# Looking for a life in canada!



## realta (Oct 7, 2010)

Hi everyone, I just started looking into this today after thinking about it for a while. Im not sure where to start. im 24 years old and have an honours degree in psychology and english and was wondering if anyone knew where would be the best place to look into moving to in canada would be? 
Also, what about work visas and how to apply?
And cost of living, renting?


----------



## franer (Oct 5, 2010)

Hi 24 year old female my name is fran male and from dublin and have just started to look into moving to canada and i went tothe expoin the rds in june and got in touch with an agency who can help you out the name of the company is goldman and there based in vancouver the girl i am dealing with is cathrine abode her e-mail is [email protected] how this can help you fran


realta said:


> Hi everyone, I just started looking into this today after thinking about it for a while. Im not sure where to start. im 24 years old and have an honours degree in psychology and english and was wondering if anyone knew where would be the best place to look into moving to in canada would be?
> Also, what about work visas and how to apply?
> And cost of living, renting?


----------



## coyne20 (Aug 3, 2010)

franer said:


> Hi 24 year old female my name is fran male and from dublin and have just started to look into moving to canada and i went tothe expoin the rds in june and got in touch with an agency who can help you out the name of the company is goldman and there based in vancouver the girl i am dealing with is cathrine abode her e-mail is [email protected] how this can help you fran


Catherine Aboud rings a bell from Goldman associates. I spoke to her about moving to Canada and job prospects but there was'nt much she could do with regards to my case as Ive already applied for Immigration.


----------



## greeneyes (Jan 4, 2010)

realta said:


> Hi everyone, I just started looking into this today after thinking about it for a while.

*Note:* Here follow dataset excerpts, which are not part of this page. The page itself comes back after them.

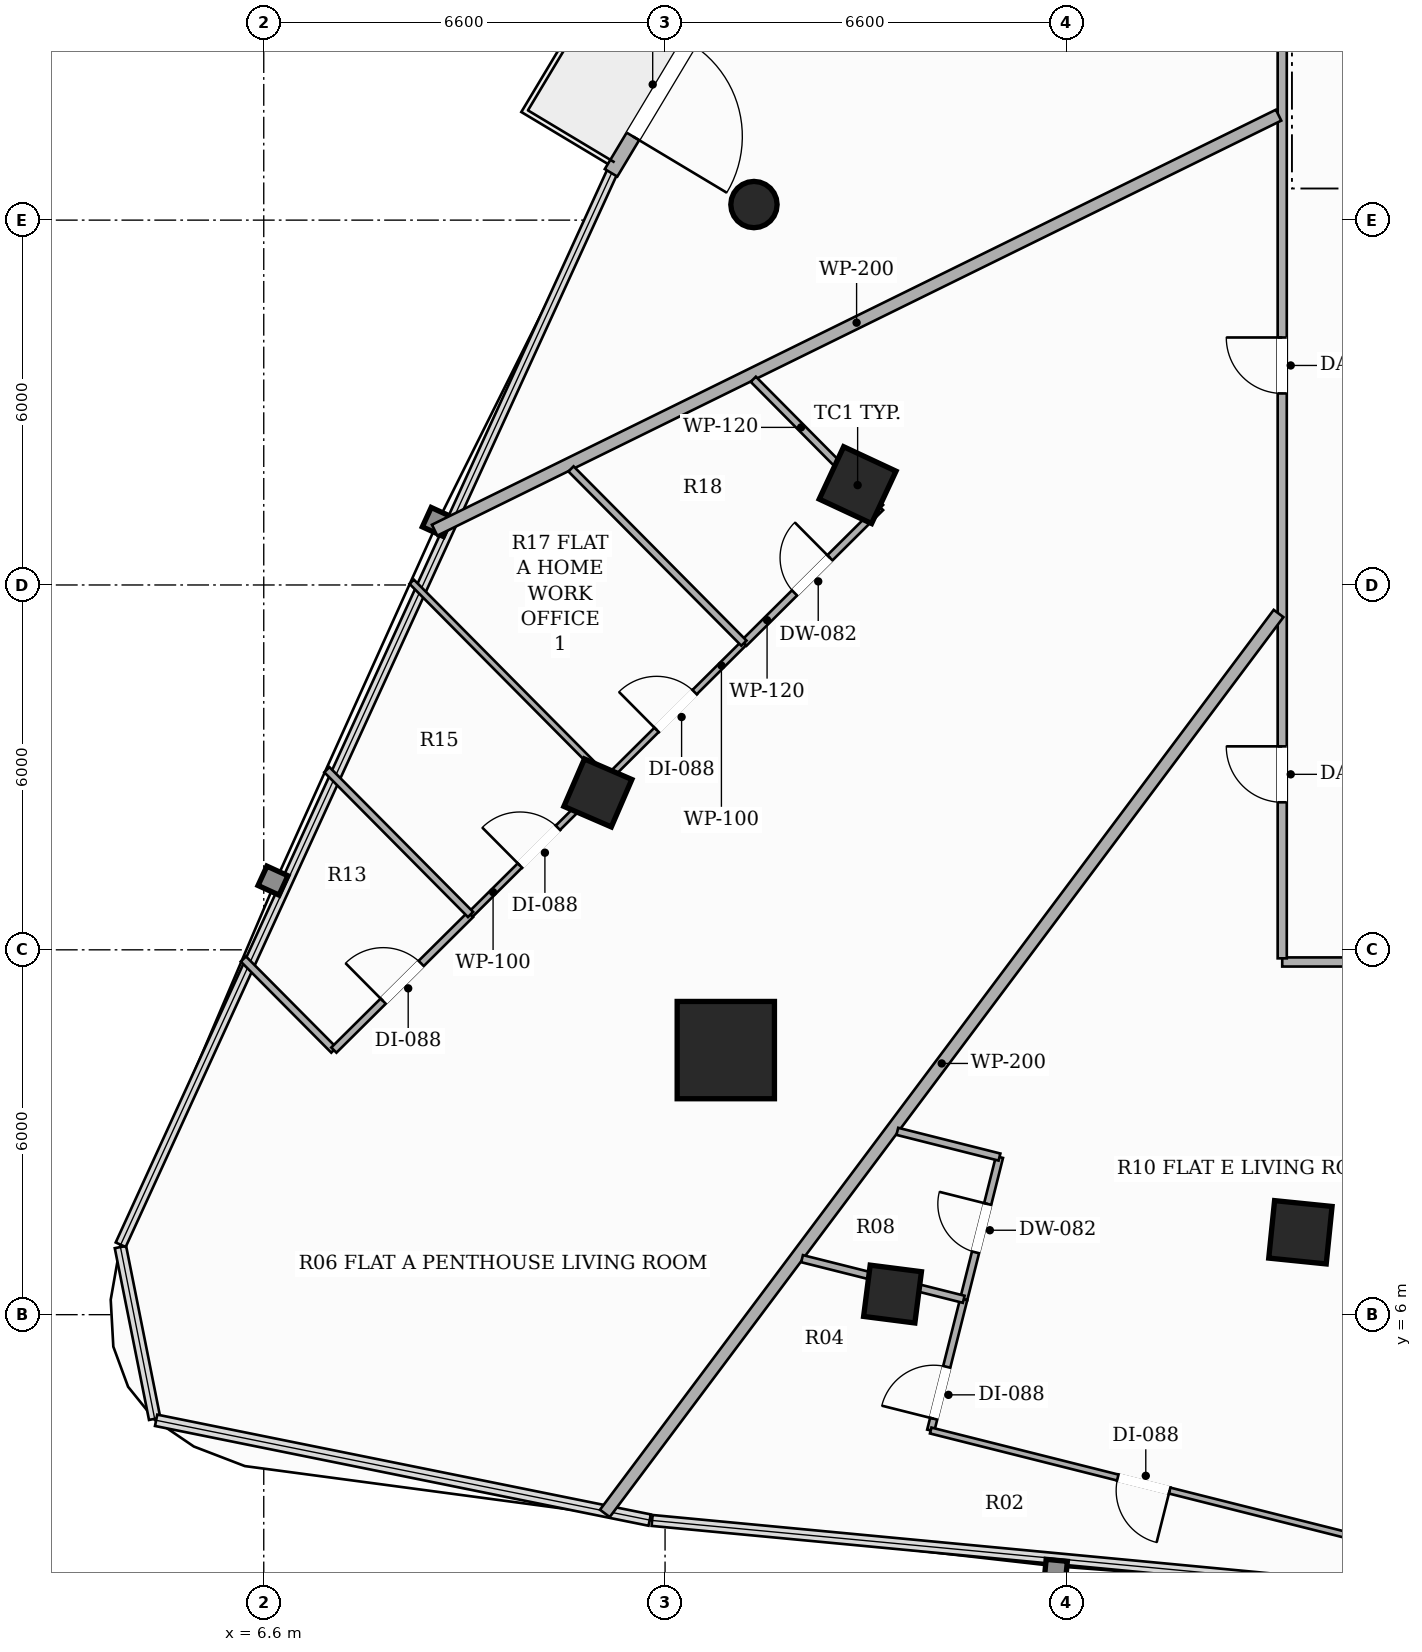
"""IFC4 building model, lengths in metres.
Left out: names, types, materials, properties, quantities, classifications, styles, units other than length and angle.
Written with IfcOpenShell. Run it as: python <this file> out.ifc"""

import sys

from ifc_helpers import new_model, si_unit, direction, frame, frame_2d, origin, origin_2d, place, context, subcontext, project, spatial, rectangle, hollow_rectangle, hollow_circle, extrude, element, fill, save


model = new_model("IFC4")
c1 = context("Model", 3, precision=1e-05, world=origin(), true_north=direction((0.0, 1.0)))
c2 = subcontext(c1, "Body", "Model", "MODEL_VIEW")
j1 = project(units=[si_unit("LENGTHUNIT", "METRE"), si_unit("PLANEANGLEUNIT", "RADIAN")], contexts=[c1])
p1 = place(None, origin())
s1 = spatial("IfcSite", under=j1, at=p1, CompositionType="ELEMENT")
p2 = place(p1, origin())
s2 = spatial("IfcBuilding", under=s1, at=p2, CompositionType="ELEMENT")
p3 = place(p2, frame((0.0, 0.0, 33.5)))
s3 = spatial("IfcBuildingStorey", under=s2, at=p3, CompositionType="ELEMENT", Elevation=33.5)
p4 = place(p3, frame((14.199, 10.351, 0.0), z_axis=(0.0, 0.0, 1.0), x_axis=(1.0, 0.0, 0.0)))
e1 = element("IfcColumn", 1, at=p4, inside=s3, PredefinedType="COLUMN", context=c2, shape_type="SweptSolid", body=[
    extrude(hollow_rectangle(XDim=1.6, YDim=1.6, WallThickness=0.05, at=origin_2d()), origin(), (0.0, 0.0, 1.0), 3.3),
])
for number, where, z_axis, x_axis in (
    (2, (16.367, 19.642, 0.0), (0.0, 0.0, 1.0), (0.423, 0.906, 0.0)),
    (3, (23.649, 7.355, 0.0), (0.0, 0.0, 1.0), (-0.995, 0.101, 0.0)),
):
    element("IfcColumn", number, at=place(p3, frame(where, z_axis=z_axis, x_axis=x_axis)), inside=s3, PredefinedType="COLUMN", context=c2, shape_type="SweptSolid", body=[
        extrude(hollow_rectangle(XDim=0.95, YDim=0.95, WallThickness=0.032, at=origin_2d()), origin(), (0.0, 0.0, 1.0), 3.3),
    ])
for number, where, z_axis, x_axis in (
    (4, (12.095, 14.58, 0.0), (0.0, 0.0, 1.0), (0.397, 0.918, 0.0)),
    (5, (16.941, 6.339, 0.0), (0.0, 0.0, 1.0), (-0.992, 0.127, 0.0)),
):
    element("IfcColumn", number, at=place(p3, frame(where, z_axis=z_axis, x_axis=x_axis)), inside=s3, PredefinedType="COLUMN", context=c2, shape_type="SweptSolid", body=[
        extrude(hollow_rectangle(XDim=0.85, YDim=0.85, WallThickness=0.028, at=origin_2d()), origin(), (0.0, 0.0, 1.0), 3.3),
    ])
p5 = place(p3, frame((14.662, 24.256, 0.0), z_axis=(0.0, 0.0, 1.0), x_axis=(1.0, 0.0, 0.0)))
e6 = element("IfcColumn", 6, at=p5, inside=s3, PredefinedType="COLUMN", context=c2, shape_type="SweptSolid", body=[
    extrude(hollow_circle(Radius=0.381, WallThickness=0.022, at=origin_2d()), origin(), (0.0, 0.0, 1.0), 3.3),
])
p6 = place(p3, frame((19.059, 36.028, 0.0), z_axis=(0.0, 0.0, 1.0), x_axis=(-0.514331531946, -0.857591438417, 0.0)))
e7 = element("IfcWall", 7, at=p6, inside=s3, PredefinedType="SOLIDWALL", context=c2, shape_type="SweptSolid", body=[
    extrude(rectangle(XDim=13.118, YDim=0.24, at=frame_2d((6.559, 0.0))), origin(), (0.0, 0.0, 1.0), 2.624),
])
p7 = place(p6, frame((10.62, 0.0, 0.0)))
e8 = element("IfcOpeningElement", 8, at=p7, cuts=e7, PredefinedType="OPENING", context=c2, shape_type="SweptSolid", body=[
    extrude(rectangle(XDim=1.8, YDim=2.2, at=frame_2d((0.9, 1.1))), frame((0.0, 0.13, 0.0), z_axis=(0.0, -1.0, 0.0), x_axis=(1.0, 0.0, 0.0)), (0.0, 0.0, 1.0), 0.26),
])
p8 = place(p3, frame((42.59, 11.8, 0.0), z_axis=(0.0, 0.0, 1.0), x_axis=(-1.0, 0.0, 0.0)))
e9 = element("IfcWall", 9, at=p8, inside=s3, PredefinedType="PARTITIONING", context=c2, shape_type="SweptSolid", body=[
    extrude(rectangle(XDim=19.24, YDim=0.15, at=frame_2d((9.62, 0.0))), origin(), (0.0, 0.0, 1.0), 2.669),
])
p9 = place(p8, frame((10.462, 0.0, 0.0)))
e10 = element("IfcOpeningElement", 10, at=p9, cuts=e9, PredefinedType="OPENING", context=c2, shape_type="SweptSolid", body=[
    extrude(rectangle(XDim=0.92, YDim=2.15, at=frame_2d((0.46, 1.075))), frame((0.0, 0.085, 0.0), z_axis=(0.0, -1.0, 0.0), x_axis=(1.0, 0.0, 0.0)), (0.0, 0.0, 1.0), 0.17),
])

Im not sure where to start. im 24 years old and have an honours degree in psychology and english and was wondering if anyone knew where would be the best place to look into moving to in canada would be?
> Also, what about work visas and how to apply?
> And cost of living, renting?


Try the Job Bank to look at jobs. It is excellent .Bienvenue au Guichet emplois / Welcome to Job Bank
Cost of living is going to vary widely depending on where you live - but in general the salaries line up (except for Halifax, which I believe, has the biggest discrepancy between cost of living (high) and average salary (low).


----------



## west1967 (Sep 12, 2012)

*franer*



franer said:


> Hi 24 year old female my name is fran male and from dublin and have just started to look into moving to canada and i went tothe expoin the rds in june and got in touch with an agency who can help you out the name of the company is goldman and there based in vancouver the girl i am dealing with is cathrine abode her e-mail is [email protected] how this can help you fran



did you use goldman and if so how did you find them


----------